October 05

Identifying Risk Before Natural Disasters

Any business that operates out of a facility is at constant risk. Natural disasters, whether it be snow, rain, tornadoes, hurricanes, or even earthquakes, have the potential to disrupt business in very serious ways.

Damage or destruction to a facility can seriously damper, or even out right stop, revenue generating activities such as retail (stores being able to open to public, like a Garden Center), production (facilities being able to produce goods like Greenhouses and Sign Manufacturers), or services (like a Veterinary office or Funeral Home). As anyone can see, disruption of any of these activities can cost a business a lot of revenue.

It is imperative that business owners and their teams try to prevent disruptions in business caused by natural disasters as best as they can. Doing so can effectively mitigate the chances of business being disrupted.

Heather Janoski at Cherry Logistics wrote a great piece on ways to identify risk before a natural disaster strikes. The five points of identity she wrote about are as follows:

1. Identify the Critical Functions of Each Facility
The best way to keep each of your facilities protected from a disaster is to determine in advance the critical function of each facility and the exact utilities which are required in order to keep this function operating. Meet with your teams from each facility to assess what systems failure would completely shut down business, and then identify the tools and utilities that control the system. Facilities managers have little control in general over the utility distribution system outside their facilities, but often these utility loops create redundant systems that can provide a backup during a disaster. Go over your site plans and know how to access these systems. Also, umbrella insurance coverage is helpful in the event that any of your utilities are permanently damaged.

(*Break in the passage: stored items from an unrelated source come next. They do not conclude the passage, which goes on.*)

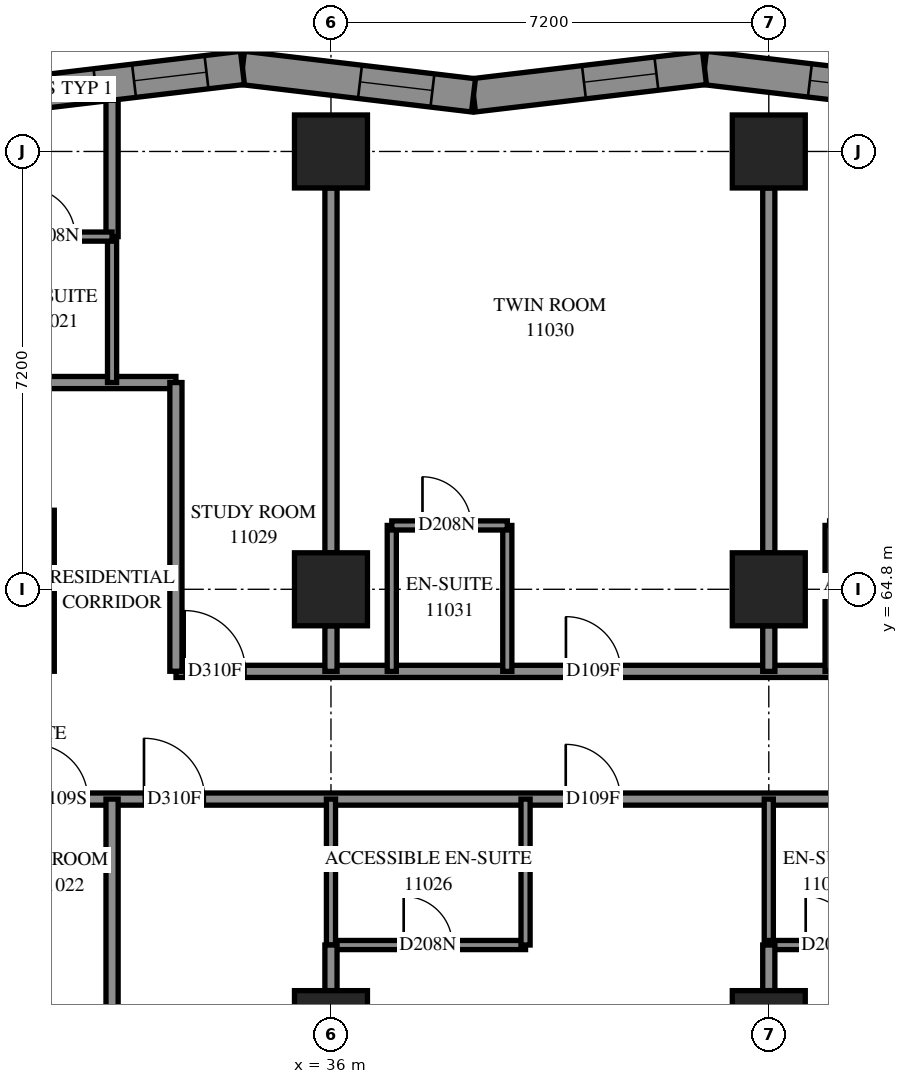
"""IFC4 building model, lengths in metres.
Left out: names, types, materials, properties, quantities, classifications, styles, units other than length and angle.
Written with IfcOpenShell. Run it as: python <this file> out.ifc"""

import sys

from ifc_helpers import new_model, si_unit, direction, frame, frame_2d, origin, origin_2d, place, context, subcontext, project, spatial, polyline, rectangle, outline, extrude, element, fill, save


model = new_model("IFC4")
c1 = context("Model", 3, precision=1e-05, world=origin(), true_north=direction((0.0, 1.0)))
c2 = subcontext(c1, "Body", "Model", "MODEL_VIEW")
j1 = project(units=[si_unit("LENGTHUNIT", "METRE"), si_unit("PLANEANGLEUNIT", "RADIAN")], contexts=[c1])
p1 = place(None, origin())
s1 = spatial("IfcSite", under=j1, at=p1, CompositionType="ELEMENT")
p2 = place(p1, origin())
s2 = spatial("IfcBuilding", under=s1, at=p2, CompositionType="ELEMENT")
p3 = place(p2, frame((0.0, 0.0, 44.0)))
s3 = spatial("IfcBuildingStorey", under=s2, at=p3, CompositionType="ELEMENT", Elevation=44.0)
for number, where, z_axis, x_axis in (
    (1, (36.0, 57.6, 0.0), (0.0, 0.0, 1.0), (1.0, 0.0, 0.0)),
    (2, (36.0, 64.8, 0.0), (0.0, 0.0, 1.0), (1.0, 0.0, 0.0)),
    (3, (36.0, 72.0, 0.0), (0.0, 0.0, 1.0), (1.0, 0.0, 0.0)),
    (4, (43.2, 57.6, 0.0), (0.0, 0.0, 1.0), (1.0, 0.0, 0.0)),
    (5, (43.2, 64.8, 0.0), (0.0, 0.0, 1.0), (1.0, 0.0, 0.0)),
    (6, (43.2, 72.0, 0.0), (0.0, 0.0, 1.0), (1.0, 0.0, 0.0)),
):
    element("IfcColumn", number, at=place(p3, frame(where, z_axis=z_axis, x_axis=x_axis)), inside=s3, PredefinedType="COLUMN", context=c2, shape_type="SweptSolid", body=[
        extrude(rectangle(XDim=1.2, YDim=1.2, at=origin_2d()), origin(), (0.0, 0.0, 1.0), 3.1),
    ])
p4 = place(p3, frame((45.942, 72.923, 0.0), z_axis=(0.0, 0.0, 1.0), x_axis=(-0.9930269402, 0.1178876415, 0.0)))
e7 = element("IfcWall", 7, at=p4, inside=s3, PredefinedType="SOLIDWALL", context=c2, shape_type="SweptSolid", body=[
    extrude(outline(polyline([(0.033, -0.275), (3.858, -0.275), (3.793, 0.275), (-0.033, 0.275), (0.033, -0.275)])), origin(), (0.0, 0.0, 1.0), 3.1),
])
p5 = place(p4, frame((0.88, 0.0, 0.5)))
e8 = element("IfcOpeningElement", 8, at=p5, cuts=e7, PredefinedType="OPENING", context=c2, shape_type="SweptSolid", body=[
    extrude(rectangle(XDim=1.2, YDim=2.45, at=frame_2d((0.6, 1.225))), frame((0.0, 0.285, 0.0), z_axis=(0.0, -1.0, 0.0), x_axis=(1.0, 0.0, 0.0)), (0.0, 0.0, 1.0), 0.57),
])
p6 = place(p3, frame((42.143, 73.374, 0.0), z_axis=(0.0, 0.0, 1.0), x_axis=(-0.9930269402, -0.1178876415, 0.0)))
e9 = element("IfcWall", 9, at=p6, inside=s3, PredefinedType="SOLIDWALL", context=c2, shape_type="SweptSolid", body=[
    extrude(outline(polyline([(-0.033, -0.275), (3.793, -0.275), (3.858, 0.275), (0.033, 0.275), (-0.033, -0.275)])), origin(), (0.0, 0.0, 1.0), 3.1),
])
p7 = place(p6, frame((0.797, 0.0, 0.5)))
e10 = element("IfcOpeningElement", 10, at=p7, cuts=e9, PredefinedType="OPENING", context=c2, shape_type="SweptSolid", body=[
    extrude(rectangle(XDim=1.2, YDim=2.45, at=frame_2d((0.6, 1.225))), frame((0.0, 0.285, 0.0), z_axis=(0.0, -1.0, 0.0), x_axis=(1.0, 0.0, 0.0)), (0.0, 0.0, 1.0), 0.57),
])
p8 = place(p3, frame((38.344, 72.923, 0.0), z_axis=(0.0, 0.0, 1.0), x_axis=(-0.9930265769, 0.1178907016, 0.0)))
e11 = element("IfcWall", 11, at=p8, inside=s3, PredefinedType="SOLIDWALL", context=c2, shape_type="SweptSolid", body=[
    extrude(outline(polyline([(0.033, -0.275), (3.858, -0.275), (3.793, 0.275), (-0.033, 0.275), (0.033, -0.275)])), origin(), (0.0, 0.0, 1.0), 3.1),
])
p9 = place(p8, frame((0.68, 0.0, 0.5)))
e12 = element("IfcOpeningElement", 12, at=p9, cuts=e11, PredefinedType="OPENING", context=c2, shape_type="SweptSolid", body=[
    extrude(rectangle(XDim=1.2, YDim=2.45, at=frame_2d((0.6, 1.225))), frame((0.0, 0.285, 0.0), z_axis=(0.0, -1.0, 0.0), x_axis=(1.0, 0.0, 0.0)), (0.0, 0.0, 1.0), 0.57),
])
p10 = place(p3, frame((34.545, 73.374, 0.0), z_axis=(0.0, 0.0, 1.0), x_axis=(-0.9930269402, -0.1178876415, 0.0)))
e13 = element("IfcWall", 13, at=p10, inside=s3, PredefinedType="SOLIDWALL", context=c2, shape_type="SweptSolid", body=[
    extrude(outline(polyline([(-0.033, -0.275), (3.793, -0.275), (3.858, 0.275), (0.033, 0.275), (-0.033, -0.275)])), origin(), (0.0, 0.0, 1.0), 3.1),
])
p11 = place(p10, frame((0.596, 0.0, 0.5)))
e14 = element("IfcOpeningElement", 14, at=p11, cuts=e13, PredefinedType="OPENING", context=c2, shape_type="SweptSolid", body=[
    extrude(rectangle(XDim=1.2, YDim=2.45, at=frame_2d((0.6, 1.225))), frame((0.0, 0.285, 0.0), z_axis=(0.0, -1.0, 0.0), x_axis=(1.0, 0.0, 0.0)), (0.0, 0.0, 1.0), 0.57),
])
p12 = place(p10, frame((2.434, 0.0, 0.45)))
e15 = element("IfcOpeningElement", 15, at=p12, cuts=e13, PredefinedType="OPENING", context=c2, shape_type="SweptSolid", body=[
    extrude(rectangle(XDim=1.0, YDim=2.5, at=frame_2d((0.5, 1.25))), frame((0.0, 0.285, 0.0), z_axis=(0.0, -1.0, 0.0), x_axis=(1.0, 0.0, 0.0)), (0.0, 0.0, 1.0), 0.57),
])
p13 = place(p3, frame((28.8, 61.35, 0.0), z_axis=(0.0, 0.0, 1.0), x_axis=(1.0, 0.0, 0.0)))
e16 = element("IfcWall", 16, at=p13, inside=s3, PredefinedType="PARTITIONING", context=c2, shape_type="SweptSolid", body=[
    extrude(rectangle(XDim=24.15, YDim=0.2, at=frame_2d((12.075, 0.0))), origin(), (0.0, 0.0, 1.0), 3.1),
])
p14 = place(p13, frame((2.3, 0.0, 0.0)))
e17 = element("IfcOpeningElement", 17, at=p14, cuts=e16, PredefinedType="OPENING", context=c2, shape_type="SweptSolid", body=[
    extrude(rectangle(XDim=0.9, YDim=2.1, at=frame_2d((0.45, 1.05))), frame((0.0, 0.11, 0.0), z_axis=(0.0, -1.0, 0.0), x_axis=(1.0, 0.0, 0.0)), (0.0, 0.0, 1.0), 0.22),
])
p15 = place(p13, frame((4.125, 0.0, 0.0)))
e18 = element("IfcOpeningElement", 18, at=p15, cuts=e16, PredefinedType="OPENING", context=c2, shape_type="SweptSolid", body=[
    extrude(rectangle(XDim=1.0, YDim=2.1, at=frame_2d((0.5, 1.05))), frame((0.0, 0.11, 0.0), z_axis=(0.0, -1.0, 0.0), x_axis=(1.0, 0.0, 0.0)), (0.0, 0.0, 1.0), 0.22),
])
p16 = place(p13, frame((11.061, 0.0, 0.0)))
e19 = element("IfcOpeningElement", 19, at=p16, cuts=e16, PredefinedType="OPENING", context=c2, shape_type="SweptSolid", body=[
    extrude(rectangle(XDim=0.9, YDim=2.1, at=frame_2d((0.45, 1.05))), frame((0.0, 0.11, 0.0), z_axis=(0.0, -1.0, 0.0), x_axis=(1.0, 0.0, 0.0)), (0.0, 0.0, 1.0), 0.22),
])
p17 = place(p13, frame((16.7, 0.0, 0.0)))
e20 = element("IfcOpeningElement", 20, at=p17, cuts=e16, PredefinedType="OPENING", context=c2, shape_type="SweptSolid", body=[
    extrude(rectangle(XDim=0.9, YDim=2.1, at=frame_2d((0.45, 1.05))), frame((0.0, 0.11, 0.0), z_axis=(0.0, -1.0, 0.0), x_axis=(1.0, 0.0, 0.0)), (0.0, 0.0, 1.0), 0.22),
])
p18 = place(p13, frame((18.508, 0.0, 0.0)))
e21 = element("IfcOpeningElement", 21, at=p18, cuts=e16, PredefinedType="OPENING", context=c2, shape_type="SweptSolid", body=[
    extrude(rectangle(XDim=1.0, YDim=2.1, at=frame_2d((0.5, 1.05))), frame((0.0, 0.11, 0.0), z_axis=(0.0, -1.0, 0.0), x_axis=(1.0, 0.0, 0.0)), (0.0, 0.0, 1.0), 0.22),
])
p19 = place(p13, frame((22.882, 0.0, 0.0)))
e22 = element("IfcOpeningElement", 22, at=p19, cuts=e16, PredefinedType="OPENING", context=c2, shape_type="SweptSolid", body=[
    extrude(rectangle(XDim=1.0, YDim=2.1, at=frame_2d((0.5, 1.05))), frame((0.0, 0.11, 0.0), z_axis=(0.0, -1.0, 0.0), x_axis=(1.0, 0.0, 0.0)), (0.0, 0.0, 1.0), 0.22),
])
p20 = place(p3, frame((33.452, 63.45, 0.0), z_axis=(0.0, 0.0, 1.0), x_axis=(1.0, 0.0, 0.0)))
e23 = element("IfcWall", 23, at=p20, inside=s3, PredefinedType="PARTITIONING", context=c2, shape_type="SweptSolid", body=[
    extrude(rectangle(XDim=21.648, YDim=0.2, at=frame_2d((10.824, 0.0))), origin(), (0.0, 0.0, 1.0), 3.1),
])
p21 = place(p20, frame((0.142, 0.0, 0.0)))
e24 = element("IfcOpeningElement", 24, at=p21, cuts=e23, PredefinedType="OPENING", context=c2, shape_type="SweptSolid", body=[
    extrude(rectangle(XDim=1.0, YDim=2.1, at=frame_2d((0.5, 1.05))), frame((0.0, 0.11, 0.0), z_axis=(0.0, -1.0, 0.0), x_axis=(1.0, 0.0, 0.0)), (0.0, 0.0, 1.0), 0.22),
])
p22 = place(p20, frame((6.412, 0.0, 0.0)))
e25 = element("IfcOpeningElement", 25, at=p22, cuts=e23, PredefinedType="OPENING", context=c2, shape_type="SweptSolid", body=[
    extrude(rectangle(XDim=0.9, YDim=2.1, at=frame_2d((0.45, 1.05))), frame((0.0, 0.11, 0.0), z_axis=(0.0, -1.0, 0.0), x_axis=(1.0, 0.0, 0.0)), (0.0, 0.0, 1.0), 0.22),
])
p23 = place(p20, frame((14.168, 0.0, 0.0)))
e26 = element("IfcOpeningElement", 26, at=p23, cuts=e23, PredefinedType="OPENING", context=c2, shape_type="SweptSolid", body=[
    extrude(rectangle(XDim=0.9, YDim=2.1, at=frame_2d((0.45, 1.05))), frame((0.0, 0.11, 0.0), z_axis=(0.0, -1.0, 0.0), x_axis=(1.0, 0.0, 0.0)), (0.0, 0.0, 1.0), 0.22),
])
p24 = place(p20, frame((17.651, 0.0, 0.0)))
e27 = element("IfcOpeningElement", 27, at=p24, cuts=e23, PredefinedType="OPENING", context=c2, shape_type="SweptSolid", body=[
    extrude(rectangle(XDim=0.9, YDim=2.1, at=frame_2d((0.45, 1.05))), frame((0.0, 0.11, 0.0), z_axis=(0.0, -1.0, 0.0), x_axis=(1.0, 0.0, 0.0)), (0.0, 0.0, 1.0), 0.22),
])
p25 = place(p3, frame((21.602, 68.2, 0.0), z_axis=(0.0, 0.0, 1.0), x_axis=(1.0, 0.0, 0.0)))
e28 = element("IfcWall", 28, at=p25, inside=s3, PredefinedType="PARTITIONING", context=c2, shape_type="SweptSolid", body=[
    extrude(rectangle(XDim=11.848, YDim=0.2, at=frame_2d((5.924, 0.0))), origin(), (0.0, 0.0, 1.0), 3.1),
])
p26 = place(p25, frame((5.855, 0.0, 0.0)))
e29 = element("IfcOpeningElement", 29, at=p26, cuts=e28, PredefinedType="OPENING", context=c2, shape_type="SweptSolid", body=[
    extrude(rectangle(XDim=0.9, YDim=2.1, at=frame_2d((0.45, 1.05))), frame((0.0, 0.11, 0.0), z_axis=(0.0, -1.0, 0.0), x_axis=(1.0, 0.0, 0.0)), (0.0, 0.0, 1.0), 0.22),
])
for number, where, z_axis, x_axis in (
    (30, (36.0, 65.4, 0.0), (0.0, 0.0, 1.0), (0.0, 1.0, 0.0)),
    (31, (43.2, 65.4, 0.0), (0.0, 0.0, 1.0), (0.0, 1.0, 0.0)),
):
    element("IfcWall", number, at=place(p3, frame(where, z_axis=z_axis, x_axis=x_axis)), inside=s3, PredefinedType="PARTITIONING", context=c2, shape_type="SweptSolid", body=[
        extrude(rectangle(XDim=6.0, YDim=0.2, at=frame_2d((3.0, 0.0))), origin(), (0.0, 0.0, 1.0), 3.1),
    ])
p27 = place(p3, frame((33.45, 63.452, 0.0), z_axis=(0.0, 0.0, 1.0), x_axis=(0.0, 1.0, 0.0)))
e32 = element("IfcWall", 32, at=p27, inside=s3, PredefinedType="PARTITIONING", context=c2, shape_type="SweptSolid", body=[
    extrude(rectangle(XDim=4.748, YDim=0.2, at=frame_2d((2.374, 0.0))), origin(), (0.0, 0.0, 1.0), 3.1),
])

2. Identify Technical Threats
An internal network of computers is what keeps pretty much every modern business running. It’s simultaneously the heart and brain of your business. Prepare for power loss or disruption by having plans in place for a failure of system or application software, or a malfunction of the CPU due to power surge. Have numerous backups in place and make sure they are surge protected in the event of a storm. That last thing you want is to lose data because of weather. Also, give your employees access to two-way radios and cell phones so communication is never lost.

3. Identify Single Point Failures
A key point of risk assessment in construction is keeping track of single-point failures or bottlenecks. These are points along your operations wherein an interruption can stop the flow of business entirely. Identify as many of these bottlenecks as you can and, if possible, eliminate them. If the single-point failure could shut down your company, try and find an alternative method. It’s not always simple, but in a facilities crisis, it’s vital to have options.

4. Identify Structural Weakness
Your facility itself can take immense punishment during a storm or disaster. Go over the exterior of your facility to look for exposed ventilation, damaged or cracked surfaces, and any plants or trees which could damage your facility if they were to fall. Also identify internal structural weaknesses such as supporting walls or pillars. Physical damage to the facility itself is often where recovery costs skyrocket. Risk management courses can also offer many valuable tips in this area.

5. Identify Critical Supplies and Contact Numbers
As a facilities manager, you know what supplies your employees need to do their job and stay protected during a disaster. Make sure all emergency supplies and equipment are accounted for, and take regular inventory to make sure nothing gets lost. Consider that a technical failure can lead to temporary or permanent loss of contact information if backups fail. Be sure to keep a physical record of all your most important numbers.

Following these five important points can be an essential practice in managing the risk of facility damage due to natural disasters and can therefore effectively protect revenue generating activities. With the continued pattern of severe weather, these practices are more imperative than ever.